On Fri, Mar 12, 2004 at 09:44:03PM -0600, Ray Bryant wrote:
> We've run into a scaling problem using hugetlbpages in very large memory
> machines, e. g. machines with 1TB or more of main memory. The problem is
> that hugetlbpage pages are not faulted in, rather they are zeroed and
> mapped in in by hugetlb_prefault() (at least on ia64), which is called in
> response to the user's mmap() request. The net is that all of the hugetlb
> pages end up being allocated and zeroed by a single thread, and if most of
> the machine's memory is allocated to hugetlb pages, and there is 1 TB or
> more of main memory, zeroing and allocating all of those pages can take a
> long time (500 s or more).
> We've looked at allocating and zeroing hugetlbpages at fault time, which
> would at least allow multiple processors to be thrown at the problem.
> Question is, has anyone else been working on
> this problem and might they have prototype code they could share with us?

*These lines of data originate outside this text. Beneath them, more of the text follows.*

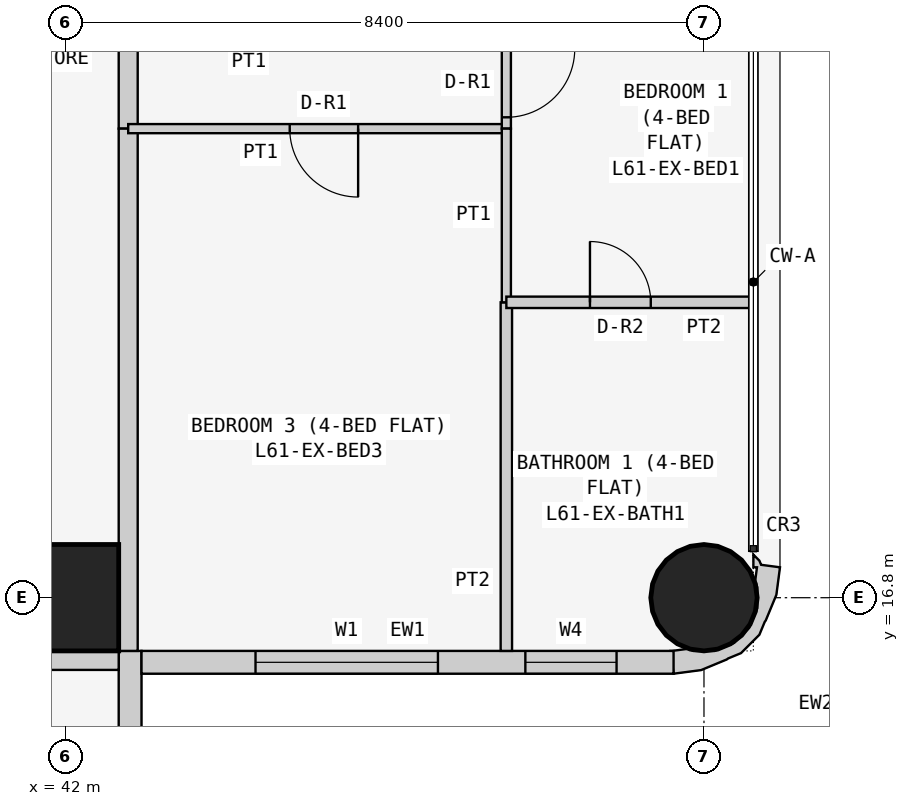
"""IFC4 building model, lengths in metres.
Left out: names, types, materials, properties, quantities, classifications, styles, units other than length and angle.
Written with IfcOpenShell. Run it as: python <this file> out.ifc"""

import sys

from ifc_helpers import new_model, si_unit, direction, frame, frame_2d, origin, origin_2d, place, context, subcontext, project, spatial, polyline, rectangle, circle, outline, extrude, element, fill, save


model = new_model("IFC4")
c1 = context("Model", 3, precision=1e-05, world=origin(), true_north=direction((0.0, 1.0)))
c2 = subcontext(c1, "Body", "Model", "MODEL_VIEW")
j1 = project(units=[si_unit("LENGTHUNIT", "METRE"), si_unit("PLANEANGLEUNIT", "RADIAN")], contexts=[c1])
p1 = place(None, origin())
s1 = spatial("IfcSite", under=j1, at=p1, CompositionType="ELEMENT")
p2 = place(p1, origin())
s2 = spatial("IfcBuilding", under=s1, at=p2, CompositionType="ELEMENT")
p3 = place(p2, frame((0.0, 0.0, 233.7)))
s3 = spatial("IfcBuildingStorey", under=s2, at=p3, CompositionType="ELEMENT", Elevation=233.7)
p4 = place(p3, frame((42.0, 16.8, 0.0), z_axis=(0.0, 0.0, 1.0), x_axis=(1.0, 0.0, 0.0)))
e1 = element("IfcColumn", 1, at=p4, inside=s3, PredefinedType="COLUMN", context=c2, shape_type="SweptSolid", body=[
    extrude(rectangle(XDim=1.4, YDim=1.4, at=origin_2d()), origin(), (0.0, 0.0, 1.0), 3.6),
])
p5 = place(p3, frame((50.4, 16.8, 0.0), z_axis=(0.0, 0.0, 1.0), x_axis=(1.0, 0.0, 0.0)))
e2 = element("IfcColumn", 2, at=p5, inside=s3, PredefinedType="COLUMN", context=c2, shape_type="SweptSolid", body=[
    extrude(circle(Radius=0.7, at=origin_2d()), origin(), (0.0, 0.0, 1.0), 3.6),
])
p6 = place(p3, frame((42.85, 8.8, 0.0), z_axis=(0.0, 0.0, 1.0), x_axis=(0.0, 1.0, 0.0)))
e3 = element("IfcWall", 3, at=p6, inside=s3, PredefinedType="SOLIDWALL", context=c2, shape_type="SweptSolid", body=[
    extrude(rectangle(XDim=7.3, YDim=0.3, at=frame_2d((3.65, 0.0))), origin(), (0.0, 0.0, 1.0), 3.45),
])
p7 = place(p6, frame((3.1, 0.0, 0.9)))
e4 = element("IfcOpeningElement", 4, at=p7, cuts=e3, PredefinedType="OPENING", context=c2, shape_type="SweptSolid", body=[
    extrude(rectangle(XDim=2.4, YDim=1.5, at=frame_2d((1.2, 0.75))), frame((0.0, 0.16, 0.0), z_axis=(0.0, -1.0, 0.0), x_axis=(1.0, 0.0, 0.0)), (0.0, 0.0, 1.0), 0.32),
])
p8 = place(p6, frame((0.75, 0.0, 0.9)))
e5 = element("IfcOpeningElement", 5, at=p8, cuts=e3, PredefinedType="OPENING", context=c2, shape_type="SweptSolid", body=[
    extrude(rectangle(XDim=1.2, YDim=1.5, at=frame_2d((0.6, 0.75))), frame((0.0, 0.16, 0.0), z_axis=(0.0, -1.0, 0.0), x_axis=(1.0, 0.0, 0.0)), (0.0, 0.0, 1.0), 0.32),
])
p9 = place(p3, frame((43.0, 15.95, 0.0), z_axis=(0.0, 0.0, 1.0), x_axis=(1.0, 0.0, 0.0)))
e6 = element("IfcWall", 6, at=p9, inside=s3, PredefinedType="SOLIDWALL", context=c2, shape_type="SweptSolid", body=[
    extrude(rectangle(XDim=7.0, YDim=0.3, at=frame_2d((3.5, 0.0))), origin(), (0.0, 0.0, 1.0), 3.45),
])
p10 = place(p9, frame((1.5, 0.0, 0.9)))
e7 = element("IfcOpeningElement", 7, at=p10, cuts=e6, PredefinedType="OPENING", context=c2, shape_type="SweptSolid", body=[
    extrude(rectangle(XDim=2.4, YDim=1.5, at=frame_2d((1.2, 0.75))), frame((0.0, 0.16, 0.0), z_axis=(0.0, -1.0, 0.0), x_axis=(1.0, 0.0, 0.0)), (0.0, 0.0, 1.0), 0.32),
])
p11 = place(p9, frame((5.05, 0.0, 0.9)))
e8 = element("IfcOpeningElement", 8, at=p11, cuts=e6, PredefinedType="OPENING", context=c2, shape_type="SweptSolid", body=[
    extrude(rectangle(XDim=1.2, YDim=1.5, at=frame_2d((0.6, 0.75))), frame((0.0, 0.16, 0.0), z_axis=(0.0, -1.0, 0.0), x_axis=(1.0, 0.0, 0.0)), (0.0, 0.0, 1.0), 0.32),
])
p12 = place(p3, frame((50.11, 16.076, 0.0), z_axis=(0.0, 0.0, 1.0), x_axis=(0.898030234854, -0.439933741929, 0.0)))
e9 = element("IfcWall", 9, at=p12, inside=s3, PredefinedType="SOLIDWALL", context=c2, shape_type="SweptSolid", body=[
    extrude(outline(polyline([(0.664, 1.577), (0.426, 1.497), (0.382, 1.536), (0.276, 1.572), (0.349, 1.423), (0.392, 1.444), (0.453, 1.261), (0.51, 1.211), (0.632, 0.961), (0.65, 0.683), (0.56, 0.419), (0.375, 0.21), (0.125, 0.087), (0.05, 0.082), (-0.128, -0.035), (-0.145, -0.044), (0.022, -0.296), (0.327, -0.094), (0.568, 0.18), (0.577, 0.199), (0.7, 0.337), (0.811, 0.661), (0.799, 0.846), (0.803, 0.866), (0.78, 1.231), (0.664, 1.577)])), origin(), (0.0, 0.0, 1.0), 3.45),
])
p13 = place(p3, frame((42.825, 24.171, 0.0), z_axis=(0.0, 0.0, 1.0), x_axis=(0.0, -1.0, 0.0)))
e10 = element("IfcWall", 10, at=p13, inside=s3, PredefinedType="PARTITIONING", context=c2, shape_type="SweptSolid", body=[
    extrude(rectangle(XDim=1.2, YDim=0.25, at=frame_2d((0.6, 0.0))), origin(), (0.0, 0.0, 1.0), 3.45),
])
p14 = place(p3, frame((42.825, 22.971, 0.0), z_axis=(0.0, 0.0, 1.0), x_axis=(0.0, -1.0, 0.0)))
e11 = element("IfcWall", 11, at=p14, inside=s3, PredefinedType="PARTITIONING", context=c2, shape_type="SweptSolid", body=[
    extrude(rectangle(XDim=6.871, YDim=0.25, at=frame_2d((3.436, 0.0))), origin(), (0.0, 0.0, 1.0), 3.45),
])
p15 = place(p3, frame((42.7, 15.975, 0.0), z_axis=(0.0, 0.0, 1.0), x_axis=(-1.0, 0.0, 0.0)))
e12 = element("IfcWall", 12, at=p15, inside=s3, PredefinedType="PARTITIONING", context=c2, shape_type="SweptSolid", body=[
    extrude(rectangle(XDim=6.471, YDim=0.25, at=frame_2d((3.235, 0.0))), origin(), (0.0, 0.0, 1.0), 3.45),
])
p16 = place(p3, frame((47.8, 22.971, 0.0), z_axis=(0.0, 0.0, 1.0), x_axis=(-1.0, 0.0, 0.0)))
e13 = element("IfcWall", 13, at=p16, inside=s3, PredefinedType="PARTITIONING", context=c2, shape_type="SweptSolid", body=[
    extrude(rectangle(XDim=4.975, YDim=0.12, at=frame_2d((2.488, 0.0))), origin(), (0.0, 0.0, 1.0), 3.45),
])
p17 = place(p16, frame((1.95, 0.0, 0.0)))
e14 = element("IfcOpeningElement", 14, at=p17, cuts=e13, PredefinedType="OPENING", context=c2, shape_type="SweptSolid", body=[
    extrude(rectangle(XDim=0.9, YDim=2.1, at=frame_2d((0.45, 1.05))), frame((0.0, 0.07, 0.0), z_axis=(0.0, -1.0, 0.0), x_axis=(1.0, 0.0, 0.0)), (0.0, 0.0, 1.0), 0.14),
])
p18 = place(p3, frame((47.8, 24.171, 0.0), z_axis=(0.0, 0.0, 1.0), x_axis=(0.0, -1.0, 0.0)))
e15 = element("IfcWall", 15, at=p18, inside=s3, PredefinedType="PARTITIONING", context=c2, shape_type="SweptSolid", body=[
    extrude(rectangle(XDim=1.2, YDim=0.12, at=frame_2d((0.6, 0.0))), origin(), (0.0, 0.0, 1.0), 3.45),
])
p19 = place(p18, frame((0.151, 0.0, 0.0)))
e16 = element("IfcOpeningElement", 16, at=p19, cuts=e15, PredefinedType="OPENING", context=c2, shape_type="SweptSolid", body=[
    extrude(rectangle(XDim=0.9, YDim=2.1, at=frame_2d((0.45, 1.05))), frame((0.0, 0.07, 0.0), z_axis=(0.0, -1.0, 0.0), x_axis=(1.0, 0.0, 0.0)), (0.0, 0.0, 1.0), 0.14),
])
p20 = place(p3, frame((47.8, 16.1, 0.0), z_axis=(0.0, 0.0, 1.0), x_axis=(0.0, 1.0, 0.0)))
e17 = element("IfcWall", 17, at=p20, inside=s3, PredefinedType="PARTITIONING", context=c2, shape_type="SweptSolid", body=[
    extrude(rectangle(XDim=4.586, YDim=0.15, at=frame_2d((2.293, 0.0))), origin(), (0.0, 0.0, 1.0), 3.45),
])
p21 = place(p3, frame((47.8, 20.686, 0.0), z_axis=(0.0, 0.0, 1.0), x_axis=(0.0, 1.0, 0.0)))
e18 = element("IfcWall", 18, at=p21, inside=s3, PredefinedType="PARTITIONING", context=c2, shape_type="SweptSolid", body=[
    extrude(rectangle(XDim=2.285, YDim=0.12, at=frame_2d((1.143, 0.0))), origin(), (0.0, 0.0, 1.0), 3.45),
])
p22 = place(p3, frame((51.05, 20.686, 0.0), z_axis=(0.0, 0.0, 1.0), x_axis=(-1.0, 0.0, 0.0)))
e19 = element("IfcWall", 19, at=p22, inside=s3, PredefinedType="PARTITIONING", context=c2, shape_type="SweptSolid", body=[
    extrude(rectangle(XDim=3.25, YDim=0.15, at=frame_2d((1.625, 0.0))), origin(), (0.0, 0.0, 1.0), 3.45),
])
p23 = place(p22, frame((1.35, 0.0, 0.0)))
e20 = element("IfcOpeningElement", 20, at=p23, cuts=e19, PredefinedType="OPENING", context=c2, shape_type="SweptSolid", body=[
    extrude(rectangle(XDim=0.8, YDim=2.1, at=frame_2d((0.4, 1.05))), frame((0.0, 0.085, 0.0), z_axis=(0.0, -1.0, 0.0), x_axis=(1.0, 0.0, 0.0)), (0.0, 0.0, 1.0), 0.17),
])
p24 = place(p10, origin())
e21 = element("IfcWindow", 21, at=p24, inside=s3, PartitioningType="SINGLE_PANEL", PredefinedType="WINDOW", context=c2, shape_type="SweptSolid", body=[
    extrude(rectangle(XDim=2.4, YDim=1.5, at=frame_2d((1.2, 0.75))), frame((0.0, 0.03, 0.0), z_axis=(0.0, -1.0, 0.0), x_axis=(1.0, 0.0, 0.0)), (0.0, 0.0, 1.0), 0.06),
])
fill(e7, e21)
p25 = place(p11, origin())
e22 = element("IfcWindow", 22, at=p25, inside=s3, PartitioningType="SINGLE_PANEL", PredefinedType="WINDOW", context=c2, shape_type="SweptSolid", body=[
    extrude(rectangle(XDim=1.2, YDim=1.5, at=frame_2d((0.6, 0.75))), frame((0.0, 0.03, 0.0), z_axis=(0.0, -1.0, 0.0), x_axis=(1.0, 0.0, 0.0)), (0.0, 0.0, 1.0), 0.06),
])
fill(e8, e22)
p26 = place(p17, origin())
e23 = element("IfcDoor", 23, at=p26, inside=s3, OperationType="SINGLE_SWING_LEFT", PredefinedType="DOOR", context=c2, shape_type="SweptSolid", body=[
    extrude(rectangle(XDim=0.9, YDim=2.1, at=frame_2d((0.45, 1.05))), frame((0.0, 0.025, 0.0), z_axis=(0.0, -1.0, 0.0), x_axis=(1.0, 0.0, 0.0)), (0.0, 0.0, 1.0), 0.05),
])
fill(e14, e23)
p27 = place(p19, origin())
e24 = element("IfcDoor", 24, at=p27, inside=s3, OperationType="SINGLE_SWING_LEFT", PredefinedType="DOOR", context=c2, shape_type="SweptSolid", body=[
    extrude(rectangle(XDim=0.9, YDim=2.1, at=frame_2d((0.45, 1.05))), frame((0.0, 0.025, 0.0), z_axis=(0.0, -1.0, 0.0), x_axis=(1.0, 0.0, 0.0)), (0.0, 0.0, 1.0), 0.05),
])
fill(e16, e24)
p28 = place(p23, frame((0.8, 0.0, 0.0), z_axis=(0.0, 0.0, 1.0), x_axis=(-1.0, 0.0, 0.0)))
e25 = element("IfcDoor", 25, at=p28, inside=s3, OperationType="SINGLE_SWING_LEFT", PredefinedType="DOOR", context=c2, shape_type="SweptSolid", body=[
    extrude(rectangle(XDim=0.8, YDim=2.1, at=frame_2d((0.4, 1.05))), frame((0.0, 0.025, 0.0), z_axis=(0.0, -1.0, 0.0), x_axis=(1.0, 0.0, 0.0)), (0.0, 0.0, 1.0), 0.05),
])
fill(e20, e25)
save(model, sys.argv[1])

This actually is largely a question of architecture-dependent code, so
the answer will depend on whether your architecture matches those of the
others who have had a need to arrange this.

Basically, all you really need to do is to check the vma and call either
a hugetlb-specific fault handler or handle_mm_fault() depending on whether
hugetlb is configured. Once you've gotten that far, it's only a question
of implementing the methods to work together properly when driven by
upper layers.

The reason why this wasn't done up-front was that there wasn't a
demonstrable need to do so. The issue you're citing is exactly the kind
of demonstration needed to motivate its inclusion.


-- wli

2004-03-13 04:53:43

by Hirokazu Takahashi

[permalink] [raw]
Subject: Re: Hugetlbpages in very large memory machines.......

Hello,

My following patch might help you. It inclueds pagefault routine
for hugetlbpages. If you want to use it for your purpose, you need to
remove some code from hugetlb_prefault() that will call hugetlb_fault().
http://people.valinux.co.jp/~taka/patches/va01-hugepagefault.patch

But it's just for IA32.

I heard that [email protected] was porting this patch
on IA64.

> We've run into a scaling problem using hugetlbpages in very large memory machines, e. g. machines
> with 1TB or more of main memory. The problem is that hugetlbpage pages are not faulted in, rather
> they are zeroed and mapped in in by hugetlb_prefault() (at least on ia64), which is called in
> response to the user's mmap() request. The net is that all of the hugetlb pages end up being
> allocated and zeroed by a single thread, and if most of the machine's memory is allocated to hugetlb
> pages, and there is 1 TB or more of main memory, zeroing and allocating all of those pages can take
> a long time (500 s or more).
>
> We've looked at allocating and zeroing hugetlbpages at fault time, which would at least allow
> multiple processors to be thrown at the problem. Question is, has anyone else been working on
> this problem and might they have prototype code they could share with us?
>
> Thanks,
> --
> Best Regards,
> Ray


Thank you,
Hirokazu Takahashi.

2004-03-13 05:49:29

by William Lee Irwin III

[permalink] [raw]
Subject: Re: Hugetlbpages in very large memory machines.......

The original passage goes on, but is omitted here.